I was thinking about this whole issue of what is an object after reading the apparently quite well known article by Allen Holub recently. I only found out about this article a week or two ago, even though it was written in 1999.
One of the common definitions of an object is that it is a construct which contains both data and methods, or something similar. I don’t think that this is a very useful definition, in fact I don’t think it is a definition at all. Rather it is a description. That is, objects will contain both data and methods.

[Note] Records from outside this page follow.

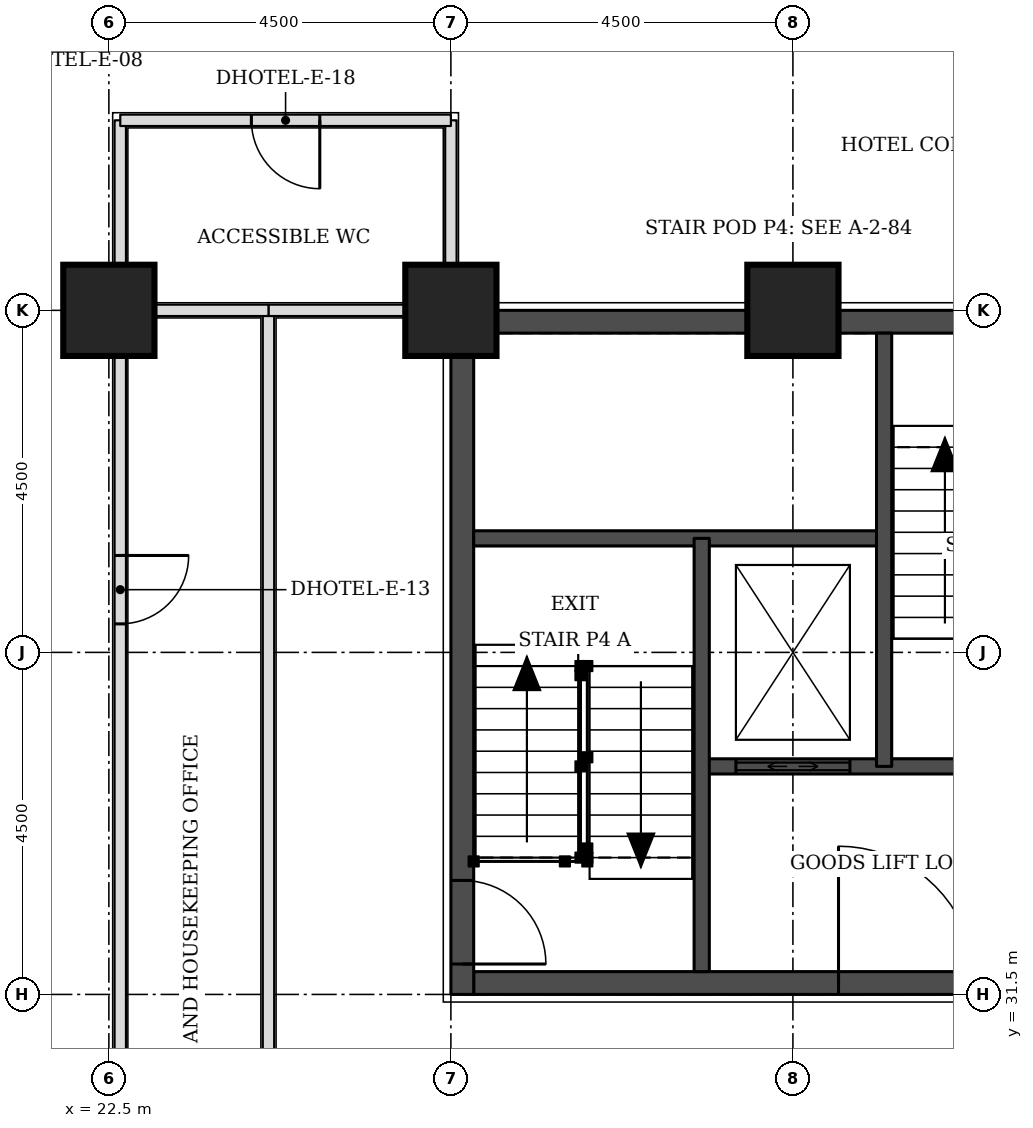
"""IFC4 building model, lengths in metres.
Left out: names, types, materials, properties, quantities, classifications, styles, units other than length and angle.
Written with IfcOpenShell. Run it as: python <this file> out.ifc"""

import sys

from ifc_helpers import new_model, si_unit, direction, frame, frame_2d, origin, origin_2d, place, context, subcontext, project, spatial, rectangle, extrude, element, fill, save


model = new_model("IFC4")
c1 = context("Model", 3, precision=1e-05, world=origin(), true_north=direction((0.0, 1.0)))
c2 = subcontext(c1, "Body", "Model", "MODEL_VIEW")
j1 = project(units=[si_unit("LENGTHUNIT", "METRE"), si_unit("PLANEANGLEUNIT", "RADIAN")], contexts=[c1])
p1 = place(None, origin())
s1 = spatial("IfcSite", under=j1, at=p1, CompositionType="ELEMENT")
p2 = place(p1, origin())
s2 = spatial("IfcBuilding", under=s1, at=p2, CompositionType="ELEMENT")
p3 = place(p2, frame((0.0, 0.0, 62.7)))
s3 = spatial("IfcBuildingStorey", under=s2, at=p3, CompositionType="ELEMENT", Elevation=62.7)
for number, where, z_axis, x_axis in (
    (1, (22.5, 40.5, 0.0), (0.0, 0.0, 1.0), (1.0, 0.0, 0.0)),
    (2, (27.0, 40.5, 0.0), (0.0, 0.0, 1.0), (1.0, 0.0, 0.0)),
    (3, (31.5, 40.5, 0.0), (0.0, 0.0, 1.0), (1.0, 0.0, 0.0)),
):
    element("IfcColumn", number, at=place(p3, frame(where, z_axis=z_axis, x_axis=x_axis)), inside=s3, PredefinedType="COLUMN", context=c2, shape_type="SweptSolid", body=[
        extrude(rectangle(XDim=1.2, YDim=1.2, at=origin_2d()), origin(), (0.0, 0.0, 1.0), 3.3),
    ])
p4 = place(p3, frame((27.3, 31.65, 0.0), z_axis=(0.0, 0.0, 1.0), x_axis=(1.0, 0.0, 0.0)))
e4 = element("IfcWall", 4, at=p4, inside=s3, PredefinedType="SHEAR", context=c2, shape_type="SweptSolid", body=[
    extrude(rectangle(XDim=8.4, YDim=0.3, at=frame_2d((4.2, 0.0))), origin(), (0.0, 0.0, 1.0), 3.3),
])
p5 = place(p4, frame((4.8, 0.0, 0.0)))
e5 = element("IfcOpeningElement", 5, at=p5, cuts=e4, PredefinedType="OPENING", context=c2, shape_type="SweptSolid", body=[
    extrude(rectangle(XDim=1.8, YDim=2.1, at=frame_2d((0.9, 1.05))), frame((0.0, 0.16, 0.0), z_axis=(0.0, -1.0, 0.0), x_axis=(1.0, 0.0, 0.0)), (0.0, 0.0, 1.0), 0.32),
])
p6 = place(p3, frame((27.3, 40.35, 0.0), z_axis=(0.0, 0.0, 1.0), x_axis=(1.0, 0.0, 0.0)))
e6 = element("IfcWall", 6, at=p6, inside=s3, PredefinedType="SHEAR", context=c2, shape_type="SweptSolid", body=[
    extrude(rectangle(XDim=8.4, YDim=0.3, at=frame_2d((4.2, 0.0))), origin(), (0.0, 0.0, 1.0), 3.3),
])
p7 = place(p6, frame((6.4, 0.0, 0.0)))
e7 = element("IfcOpeningElement", 7, at=p7, cuts=e6, PredefinedType="OPENING", context=c2, shape_type="SweptSolid", body=[
    extrude(rectangle(XDim=1.1, YDim=2.1, at=frame_2d((0.55, 1.05))), frame((0.0, 0.16, 0.0), z_axis=(0.0, -1.0, 0.0), x_axis=(1.0, 0.0, 0.0)), (0.0, 0.0, 1.0), 0.32),
])
p8 = place(p3, frame((27.15, 31.5, 0.0), z_axis=(0.0, 0.0, 1.0), x_axis=(0.0, 1.0, 0.0)))
e8 = element("IfcWall", 8, at=p8, inside=s3, PredefinedType="SHEAR", context=c2, shape_type="SweptSolid", body=[
    extrude(rectangle(XDim=9.0, YDim=0.3, at=frame_2d((4.5, 0.0))), origin(), (0.0, 0.0, 1.0), 3.3),
])
p9 = place(p8, frame((0.4, 0.0, 0.0)))
e9 = element("IfcOpeningElement", 9, at=p9, cuts=e8, PredefinedType="OPENING", context=c2, shape_type="SweptSolid", body=[
    extrude(rectangle(XDim=1.1, YDim=2.1, at=frame_2d((0.55, 1.05))), frame((0.0, 0.16, 0.0), z_axis=(0.0, -1.0, 0.0), x_axis=(1.0, 0.0, 0.0)), (0.0, 0.0, 1.0), 0.32),
])
p10 = place(p3, frame((22.65, 27.15, 0.0), z_axis=(0.0, 0.0, 1.0), x_axis=(0.0, 1.0, 0.0)))
e10 = element("IfcWall", 10, at=p10, inside=s3, PredefinedType="PARTITIONING", context=c2, shape_type="SweptSolid", body=[
    extrude(rectangle(XDim=15.85, YDim=0.15, at=frame_2d((7.925, 0.0))), origin(), (0.0, 0.0, 1.0), 3.08),
])
p11 = place(p10, frame((9.225, 0.0, 0.0)))
e11 = element("IfcOpeningElement", 11, at=p11, cuts=e10, PredefinedType="OPENING", context=c2, shape_type="SweptSolid", body=[
    extrude(rectangle(XDim=0.9, YDim=2.1, at=frame_2d((0.45, 1.05))), frame((0.0, 0.085, 0.0), z_axis=(0.0, -1.0, 0.0), x_axis=(1.0, 0.0, 0.0)), (0.0, 0.0, 1.0), 0.17),
])
p12 = place(p3, frame((24.6, 27.15, 0.0), z_axis=(0.0, 0.0, 1.0), x_axis=(0.0, 1.0, 0.0)))
e12 = element("IfcWall", 12, at=p12, inside=s3, PredefinedType="PARTITIONING", context=c2, shape_type="SweptSolid", body=[
    extrude(rectangle(XDim=13.35, YDim=0.15, at=frame_2d((6.675, 0.0))), origin(), (0.0, 0.0, 1.0), 3.08),
])
p13 = place(p3, frame((24.6, 40.5, 0.0), z_axis=(0.0, 0.0, 1.0), x_axis=(1.0, 0.0, 0.0)))
e13 = element("IfcWall", 13, at=p13, inside=s3, PredefinedType="PARTITIONING", context=c2, shape_type="SweptSolid", body=[
    extrude(rectangle(XDim=2.35, YDim=0.15, at=frame_2d((1.175, 0.0))), origin(), (0.0, 0.0, 1.0), 2.33),
])
p14 = place(p3, frame((27.0, 40.55, 0.0), z_axis=(0.0, 0.0, 1.0), x_axis=(0.0, 1.0, 0.0)))
e14 = element("IfcWall", 14, at=p14, inside=s3, PredefinedType="PARTITIONING", context=c2, shape_type="SweptSolid", body=[
    extrude(rectangle(XDim=2.45, YDim=0.15, at=frame_2d((1.225, 0.0))), origin(), (0.0, 0.0, 1.0), 3.08),
])
p15 = place(p3, frame((22.65, 43.0, 0.0), z_axis=(0.0, 0.0, 1.0), x_axis=(1.0, 0.0, 0.0)))
e15 = element("IfcWall", 15, at=p15, inside=s3, PredefinedType="PARTITIONING", context=c2, shape_type="SweptSolid", body=[
    extrude(rectangle(XDim=4.35, YDim=0.15, at=frame_2d((2.175, 0.0))), origin(), (0.0, 0.0, 1.0), 3.08),
])
p16 = place(p15, frame((1.725, 0.0, 0.0)))
e16 = element("IfcOpeningElement", 16, at=p16, cuts=e15, PredefinedType="OPENING", context=c2, shape_type="SweptSolid", body=[
    extrude(rectangle(XDim=0.9, YDim=2.1, at=frame_2d((0.45, 1.05))), frame((0.0, 0.085, 0.0), z_axis=(0.0, -1.0, 0.0), x_axis=(1.0, 0.0, 0.0)), (0.0, 0.0, 1.0), 0.17),
])
p17 = place(p3, frame((22.65, 40.5, 0.0), z_axis=(0.0, 0.0, 1.0), x_axis=(1.0, 0.0, 0.0)))
e17 = element("IfcWall", 17, at=p17, inside=s3, PredefinedType="PARTITIONING", context=c2, shape_type="SweptSolid", body=[
    extrude(rectangle(XDim=1.95, YDim=0.15, at=frame_2d((0.975, 0.0))), origin(), (0.0, 0.0, 1.0), 2.33),
])
p18 = place(p3, frame((30.3, 34.5, 0.0), z_axis=(0.0, 0.0, 1.0), x_axis=(1.0, 0.0, 0.0)))
e18 = element("IfcWall", 18, at=p18, inside=s3, PredefinedType="SOLIDWALL", context=c2, shape_type="SweptSolid", body=[
    extrude(rectangle(XDim=5.4, YDim=0.2, at=frame_2d((2.7, 0.0))), origin(), (0.0, 0.0, 1.0), 3.08),
])
p19 = place(p18, frame((0.45, 0.0, 0.0)))
e19 = element("IfcOpeningElement", 19, at=p19, cuts=e18, PredefinedType="OPENING", context=c2, shape_type="SweptSolid", body=[
    extrude(rectangle(XDim=1.5, YDim=2.1, at=frame_2d((0.75, 1.05))), frame((0.0, 0.11, 0.0), z_axis=(0.0, -1.0, 0.0), x_axis=(1.0, 0.0, 0.0)), (0.0, 0.0, 1.0), 0.22),
])
p20 = place(p3, frame((27.3, 37.5, 0.0), z_axis=(0.0, 0.0, 1.0), x_axis=(1.0, 0.0, 0.0)))
e20 = element("IfcWall", 20, at=p20, inside=s3, PredefinedType="SOLIDWALL", context=c2, shape_type="SweptSolid", body=[
    extrude(rectangle(XDim=5.4, YDim=0.2, at=frame_2d((2.7, 0.0))), origin(), (0.0, 0.0, 1.0), 3.08),
])
for number, where, z_axis, x_axis in (
    (21, (30.3, 31.8, 0.0), (0.0, 0.0, 1.0), (0.0, 1.0, 0.0)),
    (22, (32.7, 34.5, 0.0), (0.0, 0.0, 1.0), (0.0, 1.0, 0.0)),
):
    element("IfcWall", number, at=place(p3, frame(where, z_axis=z_axis, x_axis=x_axis)), inside=s3, PredefinedType="SOLIDWALL", context=c2, shape_type="SweptSolid", body=[
        extrude(rectangle(XDim=5.7, YDim=0.2, at=frame_2d((2.85, 0.0))), origin(), (0.0, 0.0, 1.0), 3.08),
    ])
p21 = place(p11, frame((0.9, 0.0, 0.0), z_axis=(0.0, 0.0, 1.0), x_axis=(-1.0, 0.0, 0.0)))
e23 = element("IfcDoor", 23, at=p21, inside=s3, OperationType="SINGLE_SWING_LEFT", PredefinedType="DOOR", context=c2, shape_type="SweptSolid", body=[
    extrude(rectangle(XDim=0.9, YDim=2.1, at=frame_2d((0.45, 1.05))), frame((0.0, 0.025, 0.0), z_axis=(0.0, -1.0, 0.0), x_axis=(1.0, 0.0, 0.0)), (0.0, 0.0, 1.0), 0.05),
])
fill(e11, e23)
p22 = place(p16, frame((0.9, 0.0, 0.0), z_axis=(0.0, 0.0, 1.0), x_axis=(-1.0, 0.0, 0.0)))
e24 = element("IfcDoor", 24, at=p22, inside=s3, OperationType="SINGLE_SWING_LEFT", PredefinedType="DOOR", context=c2, shape_type="SweptSolid", body=[
    extrude(rectangle(XDim=0.9, YDim=2.1, at=frame_2d((0.45, 1.05))), frame((0.0, 0.025, 0.0), z_axis=(0.0, -1.0, 0.0), x_axis=(1.0, 0.0, 0.0)), (0.0, 0.0, 1.0), 0.05),
])
fill(e16, e24)
p23 = place(p9, frame((1.1, 0.0, 0.0), z_axis=(0.0, 0.0, 1.0), x_axis=(-1.0, 0.0, 0.0)))
e25 = element("IfcDoor", 25, at=p23, inside=s3, OperationType="SINGLE_SWING_RIGHT", PredefinedType="DOOR", context=c2, shape_type="SweptSolid", body=[
    extrude(rectangle(XDim=1.1, YDim=2.1, at=frame_2d((0.55, 1.05))), frame((0.0, 0.025, 0.0), z_axis=(0.0, -1.0, 0.0), x_axis=(1.0, 0.0, 0.0)), (0.0, 0.0, 1.0), 0.05),
])
fill(e9, e25)
p24 = place(p19, origin())
e26 = element("IfcDoor", 26, at=p24, inside=s3, OperationType="DOUBLE_DOOR_SLIDING", PredefinedType="DOOR", context=c2, shape_type="SweptSolid", body=[
    extrude(rectangle(XDim=1.5, YDim=2.1, at=frame_2d((0.75, 1.05))), frame((0.0, 0.025, 0.0), z_axis=(0.0, -1.0, 0.0), x_axis=(1.0, 0.0, 0.0)), (0.0, 0.0, 1.0), 0.05),
])
fill(e19, e26)
p25 = place(p5, origin())
e27 = element("IfcDoor", 27, at=p25, inside=s3, OperationType="SINGLE_SWING_LEFT", PredefinedType="DOOR", context=c2, shape_type="SweptSolid", body=[
    extrude(rectangle(XDim=1.8, YDim=2.1, at=frame_2d((0.9, 1.05))), frame((0.0, 0.025, 0.0), z_axis=(0.0, -1.0, 0.0), x_axis=(1.0, 0.0, 0.0)), (0.0, 0.0, 1.0), 0.05),
])
fill(e5, e27)
save(model, sys.argv[1])

Holub, in his article, suggests defining an object in this way: “First and foremost, an object is a collection of capabilities.” This was the first of his statements that I disagreed with.
Steve McConnell in his book, Code Complete 2 defines an object as an abstract data type. And here is a definition that I can agree with. As an aside, much, or is that most or all, of what McConnell writes makes good sense. I would recommend his books and I will discuss some of them in a later article.
But for now, I will mention a few other issues raised by Allen Holub which grated on me and then discuss what an object is and does.
I’ll explain the whys and wherefors in a moment, but here are some rules of thumb that you can apply to see if you’re really looking at an object-oriented system:
- All data is private. Period. (This rule applies to all implementation details, not just the data.)
- get and set functions are evil. (They’re just elaborate ways to make the data public.)
- Never ask an object for the information you need to do something; rather, ask the object that has the information to do the work for you.
- It must be possible to make any change to the way an object is implemented, no matter how significant that change may be, by modifying the single class that defines that object.
- All objects must provide their own UI.
If the system doesn’t follow these rules, it isn’t object-oriented. It’s that simple.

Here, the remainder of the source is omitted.